Last week, after two years of being ill and unable to work, with doctors basically saying there was nothing wrong with me, I was diagnosed with high blood pressure, high cholesterol and Type 2 diabetes, with sugar levels of 24. I have been given medication for blood pressure and Metformin for the diabetes, and amitryptline for chronic migraine. I feel totally overwhelmed by it all, and so ill. 
I am finding it really hard to know what to eat, as I need to lose weight as well, and am getting upset over really silly things, like not being able to have my Manuka honey, which I take every day, and knowing what to drink, since I have never drunk low calorie drinks, as I don't want to have artificial sweeteners like aspartame. Also, what happens at family gatherings and parties where all the food seems not appropriate for me? I love cooking and food, especially for my family, and it all seems to have gone now. I know this is trivial in the whole scheme of things, but my husband doesn't seem to want to be involved or understand at all, I don't want to bother my children with my problems, and I have no friends. I would really appreciate any help or advice. I feel very depressed, and wonder if I am going to be able to have any quality of life ever again. Sorry to have gone on a bit. Thank you.


----------



## novorapidboi26 (Aug 10, 2010)

Rest assured it will settle down.......

Its a shame you feel your family cant share the burden.......

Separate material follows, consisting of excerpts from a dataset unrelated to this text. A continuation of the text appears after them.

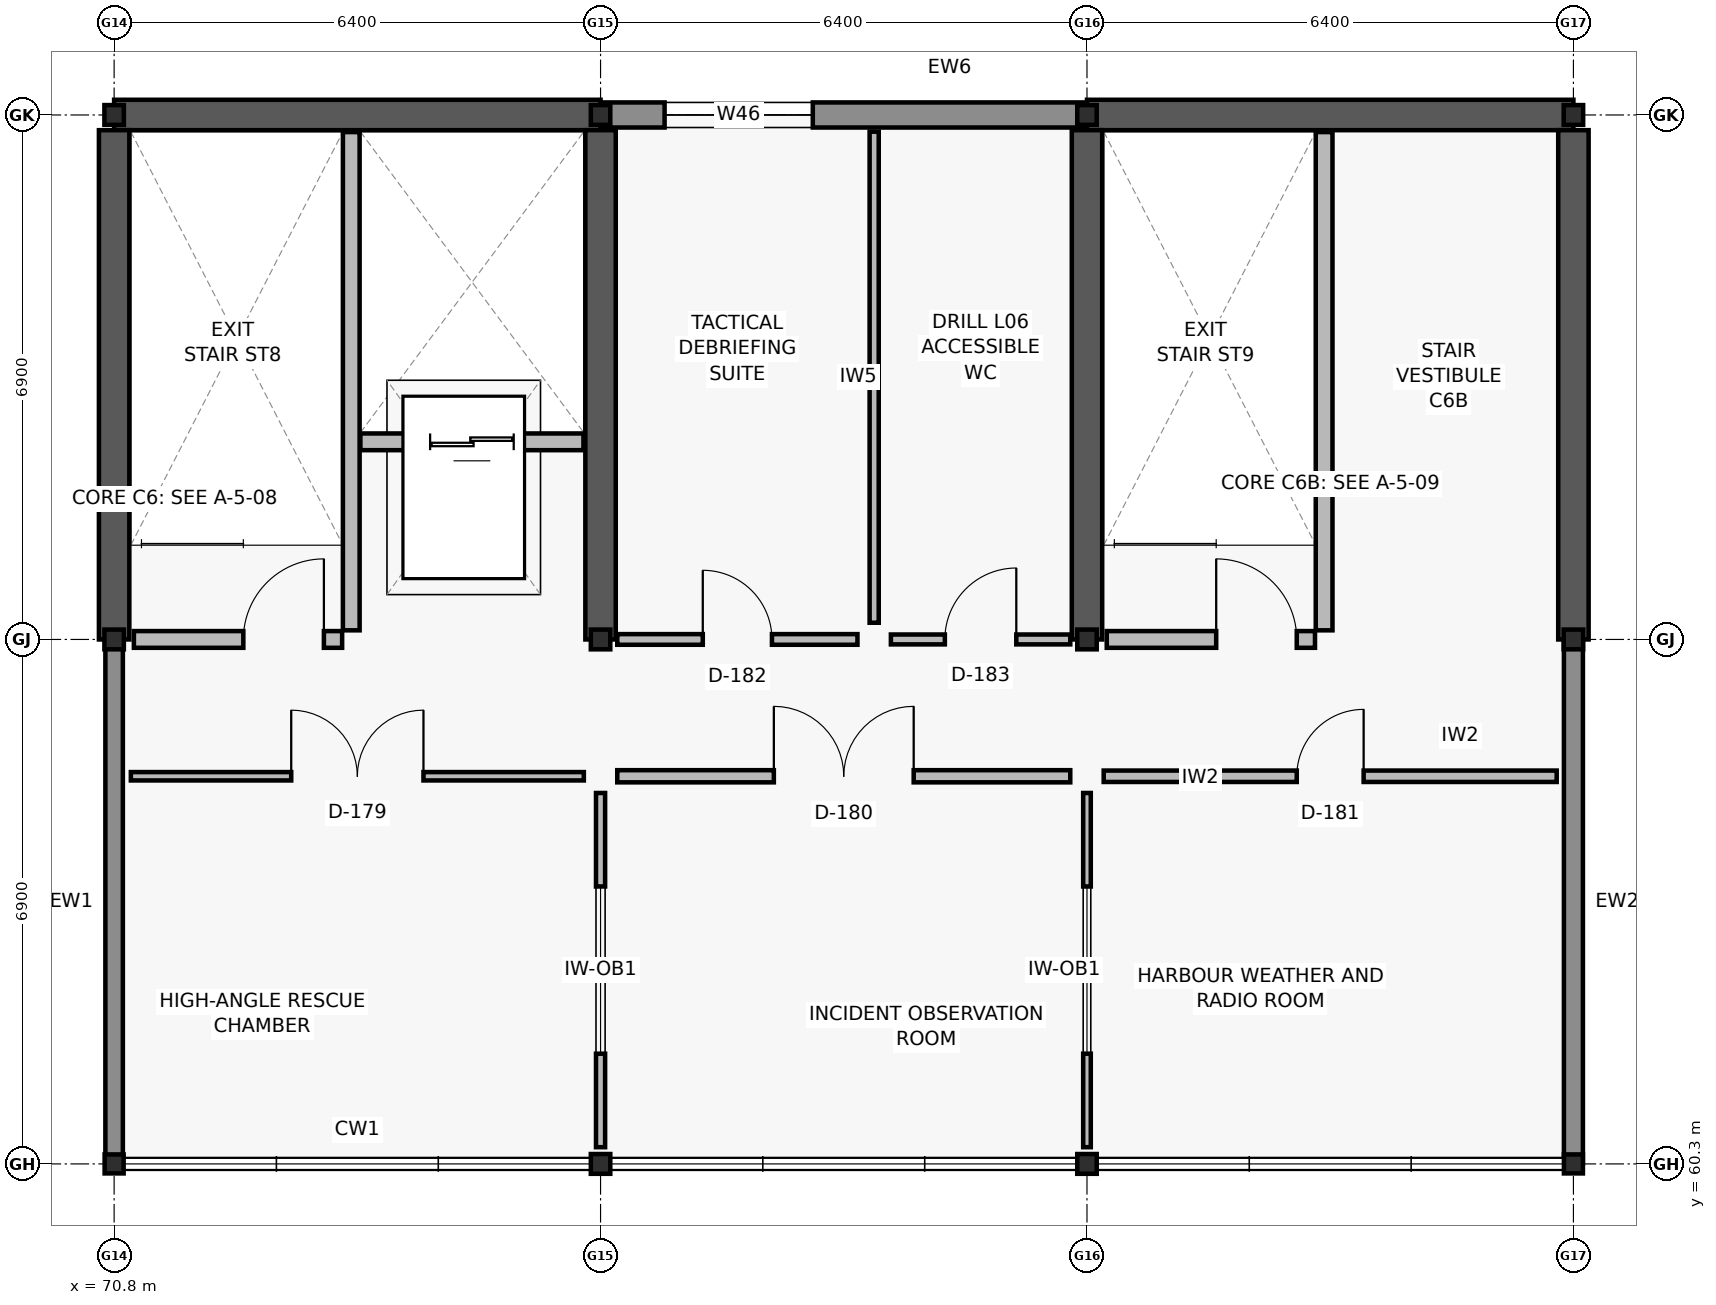
"""IFC4 building model, lengths in metres.
Left out: names, types, materials, properties, quantities, classifications, styles, units other than length and angle.
Written with IfcOpenShell. Run it as: python <this file> out.ifc"""

import sys

from ifc_helpers import new_model, si_unit, direction, frame, frame_2d, origin, origin_2d, place, context, subcontext, project, spatial, rectangle, hollow_rectangle, i_section, extrude, element, fill, save


model = new_model("IFC4")
c1 = context("Model", 3, precision=1e-05, world=origin(), true_north=direction((0.0, 1.0)))
c2 = subcontext(c1, "Body", "Model", "MODEL_VIEW")
j1 = project(units=[si_unit("LENGTHUNIT", "METRE"), si_unit("PLANEANGLEUNIT", "RADIAN")], contexts=[c1])
p1 = place(None, origin())
s1 = spatial("IfcSite", under=j1, at=p1, CompositionType="ELEMENT")
p2 = place(p1, origin())
s2 = spatial("IfcBuilding", under=s1, at=p2, CompositionType="ELEMENT")
p3 = place(p2, frame((0.0, 0.0, 25.2)))
s3 = spatial("IfcBuildingStorey", under=s2, at=p3, CompositionType="ELEMENT", Elevation=25.2)
p4 = place(p3, frame((70.8, 60.3, 0.0), z_axis=(0.0, 0.0, 1.0), x_axis=(1.0, 0.0, 0.0)))
e1 = element("IfcColumn", 1, at=p4, inside=s3, PredefinedType="COLUMN", context=c2, shape_type="SweptSolid", body=[
    extrude(hollow_rectangle(XDim=0.25, YDim=0.25, WallThickness=0.012, at=origin_2d()), origin(), (0.0, 0.0, 1.0), 3.9),
])
for number, where, z_axis, x_axis in (
    (2, (70.8, 67.2, 0.0), (0.0, 0.0, 1.0), (1.0, 0.0, 0.0)),
    (3, (70.8, 74.1, 0.0), (0.0, 0.0, 1.0), (1.0, 0.0, 0.0)),
    (4, (77.2, 60.3, 0.0), (0.0, 0.0, 1.0), (1.0, 0.0, 0.0)),
    (5, (77.2, 67.2, 0.0), (0.0, 0.0, 1.0), (1.0, 0.0, 0.0)),
    (6, (77.2, 74.1, 0.0), (0.0, 0.0, 1.0), (1.0, 0.0, 0.0)),
    (7, (83.6, 60.3, 0.0), (0.0, 0.0, 1.0), (1.0, 0.0, 0.0)),
    (8, (83.6, 67.2, 0.0), (0.0, 0.0, 1.0), (1.0, 0.0, 0.0)),
    (9, (83.6, 74.1, 0.0), (0.0, 0.0, 1.0), (1.0, 0.0, 0.0)),
):
    element("IfcColumn", number, at=place(p3, frame(where, z_axis=z_axis, x_axis=x_axis)), inside=s3, PredefinedType="COLUMN", context=c2, shape_type="SweptSolid", body=[
        extrude(i_section(OverallWidth=0.256, OverallDepth=0.26, WebThickness=0.01, FlangeThickness=0.017, FilletRadius=0.013, at=origin_2d()), origin(), (0.0, 0.0, 1.0), 3.9),
    ])
p5 = place(p3, frame((90.0, 60.3, 0.0), z_axis=(0.0, 0.0, 1.0), x_axis=(1.0, 0.0, 0.0)))
e10 = element("IfcColumn", 10, at=p5, inside=s3, PredefinedType="COLUMN", context=c2, shape_type="SweptSolid", body=[
    extrude(hollow_rectangle(XDim=0.25, YDim=0.25, WallThickness=0.012, at=origin_2d()), origin(), (0.0, 0.0, 1.0), 3.9),
])
for number, where, z_axis, x_axis in (
    (11, (90.0, 67.2, 0.0), (0.0, 0.0, 1.0), (1.0, 0.0, 0.0)),
    (12, (90.0, 74.1, 0.0), (0.0, 0.0, 1.0), (1.0, 0.0, 0.0)),
):
    element("IfcColumn", number, at=place(p3, frame(where, z_axis=z_axis, x_axis=x_axis)), inside=s3, PredefinedType="COLUMN", context=c2, shape_type="SweptSolid", body=[
        extrude(i_section(OverallWidth=0.256, OverallDepth=0.26, WebThickness=0.01, FlangeThickness=0.017, FilletRadius=0.013, at=origin_2d()), origin(), (0.0, 0.0, 1.0), 3.9),
    ])
p6 = place(p3, frame((70.8, 74.1, 0.0), z_axis=(0.0, 0.0, 1.0), x_axis=(1.0, 0.0, 0.0)))
e13 = element("IfcWall", 13, at=p6, inside=s3, PredefinedType="SHEAR", context=c2, shape_type="SweptSolid", body=[
    extrude(rectangle(XDim=6.4, YDim=0.4, at=frame_2d((3.2, 0.0))), origin(), (0.0, 0.0, 1.0), 3.66),
])
for number, where, z_axis, x_axis in (
    (14, (70.8, 67.2, 0.0), (0.0, 0.0, 1.0), (0.0, 1.0, 0.0)),
    (15, (77.2, 67.2, 0.0), (0.0, 0.0, 1.0), (0.0, 1.0, 0.0)),
):
    element("IfcWall", number, at=place(p3, frame(where, z_axis=z_axis, x_axis=x_axis)), inside=s3, PredefinedType="SHEAR", context=c2, shape_type="SweptSolid", body=[
        extrude(rectangle(XDim=6.7, YDim=0.4, at=frame_2d((3.35, 0.0))), origin(), (0.0, 0.0, 1.0), 3.66),
    ])
p7 = place(p3, frame((83.6, 74.1, 0.0), z_axis=(0.0, 0.0, 1.0), x_axis=(1.0, 0.0, 0.0)))
e16 = element("IfcWall", 16, at=p7, inside=s3, PredefinedType="SHEAR", context=c2, shape_type="SweptSolid", body=[
    extrude(rectangle(XDim=6.4, YDim=0.4, at=frame_2d((3.2, 0.0))), origin(), (0.0, 0.0, 1.0), 3.66),
])
for number, where, z_axis, x_axis in (
    (17, (83.6, 67.2, 0.0), (0.0, 0.0, 1.0), (0.0, 1.0, 0.0)),
    (18, (90.0, 67.2, 0.0), (0.0, 0.0, 1.0), (0.0, 1.0, 0.0)),
):
    element("IfcWall", number, at=place(p3, frame(where, z_axis=z_axis, x_axis=x_axis)), inside=s3, PredefinedType="SHEAR", context=c2, shape_type="SweptSolid", body=[
        extrude(rectangle(XDim=6.7, YDim=0.4, at=frame_2d((3.35, 0.0))), origin(), (0.0, 0.0, 1.0), 3.66),
    ])
p8 = place(p3, frame((77.205, 74.1, 0.0), z_axis=(0.0, 0.0, 1.0), x_axis=(1.0, 0.0, 0.0)))
e19 = element("IfcWall", 19, at=p8, inside=s3, PredefinedType="SOLIDWALL", context=c2, shape_type="SweptSolid", body=[
    extrude(rectangle(XDim=6.39, YDim=0.33, at=frame_2d((3.195, 0.0))), origin(), (0.0, 0.0, 1.0), 3.02),
])
p9 = place(p8, frame((0.837, 0.0, 0.8)))
e20 = element("IfcOpeningElement", 20, at=p9, cuts=e19, PredefinedType="OPENING", context=c2, shape_type="SweptSolid", body=[
    extrude(rectangle(XDim=1.95, YDim=1.95, at=frame_2d((0.975, 0.975))), frame((0.0, 0.175, 0.0), z_axis=(0.0, -1.0, 0.0), x_axis=(1.0, 0.0, 0.0)), (0.0, 0.0, 1.0), 0.35),
])
p10 = place(p3, frame((70.8, 60.305, 0.0), z_axis=(0.0, 0.0, 1.0), x_axis=(0.0, 1.0, 0.0)))
e21 = element("IfcWall", 21, at=p10, inside=s3, PredefinedType="SOLIDWALL", context=c2, shape_type="SweptSolid", body=[
    extrude(rectangle(XDim=6.89, YDim=0.23, at=frame_2d((3.445, 0.0))), origin(), (0.0, 0.0, 1.0), 3.02),
])
p11 = place(p3, frame((90.0, 67.195, 0.0), z_axis=(0.0, 0.0, 1.0), x_axis=(0.0, -1.0, 0.0)))
e22 = element("IfcWall", 22, at=p11, inside=s3, PredefinedType="SOLIDWALL", context=c2, shape_type="SweptSolid", body=[
    extrude(rectangle(XDim=6.89, YDim=0.25, at=frame_2d((3.445, 0.0))), origin(), (0.0, 0.0, 1.0), 3.02),
])
p12 = place(p3, frame((73.92, 67.32, 0.0), z_axis=(0.0, 0.0, 1.0), x_axis=(0.0, 1.0, 0.0)))
e23 = element("IfcWall", 23, at=p12, inside=s3, PredefinedType="SOLIDWALL", context=c2, shape_type="SweptSolid", body=[
    extrude(rectangle(XDim=6.555, YDim=0.22, at=frame_2d((3.277, 0.0))), origin(), (0.0, 0.0, 1.0), 3.02),
])
p13 = place(p3, frame((71.06, 67.2, 0.0), z_axis=(0.0, 0.0, 1.0), x_axis=(1.0, 0.0, 0.0)))
e24 = element("IfcWall", 24, at=p13, inside=s3, PredefinedType="SOLIDWALL", context=c2, shape_type="SweptSolid", body=[
    extrude(rectangle(XDim=2.74, YDim=0.22, at=frame_2d((1.37, 0.0))), origin(), (0.0, 0.0, 1.0), 3.02),
])
p14 = place(p13, frame((1.44, 0.0, 0.0)))
e25 = element("IfcOpeningElement", 25, at=p14, cuts=e24, PredefinedType="OPENING", context=c2, shape_type="SweptSolid", body=[
    extrude(rectangle(XDim=1.06, YDim=2.1, at=frame_2d((0.53, 1.05))), frame((0.0, 0.12, 0.0), z_axis=(0.0, -1.0, 0.0), x_axis=(1.0, 0.0, 0.0)), (0.0, 0.0, 1.0), 0.24),
])
p15 = place(p3, frame((74.04, 69.8, 0.0), z_axis=(0.0, 0.0, 1.0), x_axis=(1.0, 0.0, 0.0)))
e26 = element("IfcWall", 26, at=p15, inside=s3, PredefinedType="SOLIDWALL", context=c2, shape_type="SweptSolid", body=[
    extrude(rectangle(XDim=2.935, YDim=0.22, at=frame_2d((1.468, 0.0))), origin(), (0.0, 0.0, 1.0), 3.02),
])
p16 = place(p15, frame((0.917, 0.0, 0.0)))
e27 = element("IfcOpeningElement", 27, at=p16, cuts=e26, PredefinedType="OPENING", context=c2, shape_type="SweptSolid", body=[
    extrude(rectangle(XDim=1.1, YDim=2.1, at=frame_2d((0.55, 1.05))), frame((0.0, 0.12, 0.0), z_axis=(0.0, -1.0, 0.0), x_axis=(1.0, 0.0, 0.0)), (0.0, 0.0, 1.0), 0.24),
])
p17 = place(p3, frame((86.72, 67.32, 0.0), z_axis=(0.0, 0.0, 1.0), x_axis=(0.0, 1.0, 0.0)))
e28 = element("IfcWall", 28, at=p17, inside=s3, PredefinedType="SOLIDWALL", context=c2, shape_type="SweptSolid", body=[
    extrude(rectangle(XDim=6.555, YDim=0.22, at=frame_2d((3.277, 0.0))), origin(), (0.0, 0.0, 1.0), 3.66),
])
p18 = place(p3, frame((83.86, 67.2, 0.0), z_axis=(0.0, 0.0, 1.0), x_axis=(1.0, 0.0, 0.0)))
e29 = element("IfcWall", 29, at=p18, inside=s3, PredefinedType="SOLIDWALL", context=c2, shape_type="SweptSolid", body=[
    extrude(rectangle(XDim=2.74, YDim=0.22, at=frame_2d((1.37, 0.0))), origin(), (0.0, 0.0, 1.0), 3.02),
])
p19 = place(p18, frame((1.44, 0.0, 0.0)))
e30 = element("IfcOpeningElement", 30, at=p19, cuts=e29, PredefinedType="OPENING", context=c2, shape_type="SweptSolid", body=[
    extrude(rectangle(XDim=1.06, YDim=2.1, at=frame_2d((0.53, 1.05))), frame((0.0, 0.12, 0.0), z_axis=(0.0, -1.0, 0.0), x_axis=(1.0, 0.0, 0.0)), (0.0, 0.0, 1.0), 0.24),
])
p20 = place(p3, frame((77.2, 60.52, 0.0), z_axis=(0.0, 0.0, 1.0), x_axis=(0.0, 1.0, 0.0)))
e31 = element("IfcWall", 31, at=p20, inside=s3, PredefinedType="PARTITIONING", context=c2, shape_type="SweptSolid", body=[
    extrude(rectangle(XDim=4.66, YDim=0.12, at=frame_2d((2.33, 0.0))), origin(), (0.0, 0.0, 1.0), 3.0),
])
p21 = place(p20, frame((1.23, 0.0, 0.95)))
e32 = element("IfcOpeningElement", 32, at=p21, cuts=e31, PredefinedType="OPENING", context=c2, shape_type="SweptSolid", body=[
    extrude(rectangle(XDim=2.2, YDim=1.3, at=frame_2d((1.1, 0.65))), frame((0.0, 0.07, 0.0), z_axis=(0.0, -1.0, 0.0), x_axis=(1.0, 0.0, 0.0)), (0.0, 0.0, 1.0), 0.14),
])
p22 = place(p3, frame((71.02, 65.4, 0.0), z_axis=(0.0, 0.0, 1.0), x_axis=(1.0, 0.0, 0.0)))
e33 = element("IfcWall", 33, at=p22, inside=s3, PredefinedType="PARTITIONING", context=c2, shape_type="SweptSolid", body=[
    extrude(rectangle(XDim=5.96, YDim=0.11, at=frame_2d((2.98, 0.0))), origin(), (0.0, 0.0, 1.0), 3.0),
])
p23 = place(p22, frame((2.11, 0.0, 0.0)))
e34 = element("IfcOpeningElement", 34, at=p23, cuts=e33, PredefinedType="OPENING", context=c2, shape_type="SweptSolid", body=[
    extrude(rectangle(XDim=1.74, YDim=2.2, at=frame_2d((0.87, 1.1))), frame((0.0, 0.065, 0.0), z_axis=(0.0, -1.0, 0.0), x_axis=(1.0, 0.0, 0.0)), (0.0, 0.0, 1.0), 0.13),
])
p24 = place(p3, frame((83.6, 60.52, 0.0), z_axis=(0.0, 0.0, 1.0), x_axis=(0.0, 1.0, 0.0)))
e35 = element("IfcWall", 35, at=p24, inside=s3, PredefinedType="PARTITIONING", context=c2, shape_type="SweptSolid", body=[
    extrude(rectangle(XDim=4.66, YDim=0.1, at=frame_2d((2.33, 0.0))), origin(), (0.0, 0.0, 1.0), 3.0),
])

Stick around here, theres lots of type 2 ppl who know it all...........


----------



## scootdevon (Aug 10, 2010)

*Welcome to the forum Kristeen,soz to hear you've been through the mill etc, as a type 2 myself I dont do diet drinks myself so i stick with water (2 ltrs) a day and i oven bake most food instead of frying it, i gave up smoking last year before i was diagnosed & i go to the gym 3 times a week to get fitter and lose some weight, sadly i havent lost any so im upping my gym regime lol remember no question to silly & you will get the support u need on here as were a lovely bunch of peeps.  *


----------



## Northerner (Aug 10, 2010)

Hi Kristeen, welcome to the forum  This is a very friendly and supportive place, so please feel free to ask any questions you may have - nothing is considered 'silly' here (I once asked a question about nostrils!).

There's a lot to take in at first, but here are some links to get you started:

Maggie Davey's letter to newly diagnosed Type 2s:

http://www.diabetessupport.co.uk/boards/showthread.php?t=5836

and also Jennifer's good advice:

http://www.diabetessupport.co.uk/boards/showthread.php?t=5835

Plus, a book I always recommend, as do many others here: Type 2 Diabetes: The First Year by Gretchen Becker (amazon link)

As for food, I'd recommend getting a book about the GL (Glycaemic Load) diet. You can have a healthy, varied diet, it just takes planning and a bit of compromise here and there. Nothing is forbidden, but common sense needs to be applied for 'treats'!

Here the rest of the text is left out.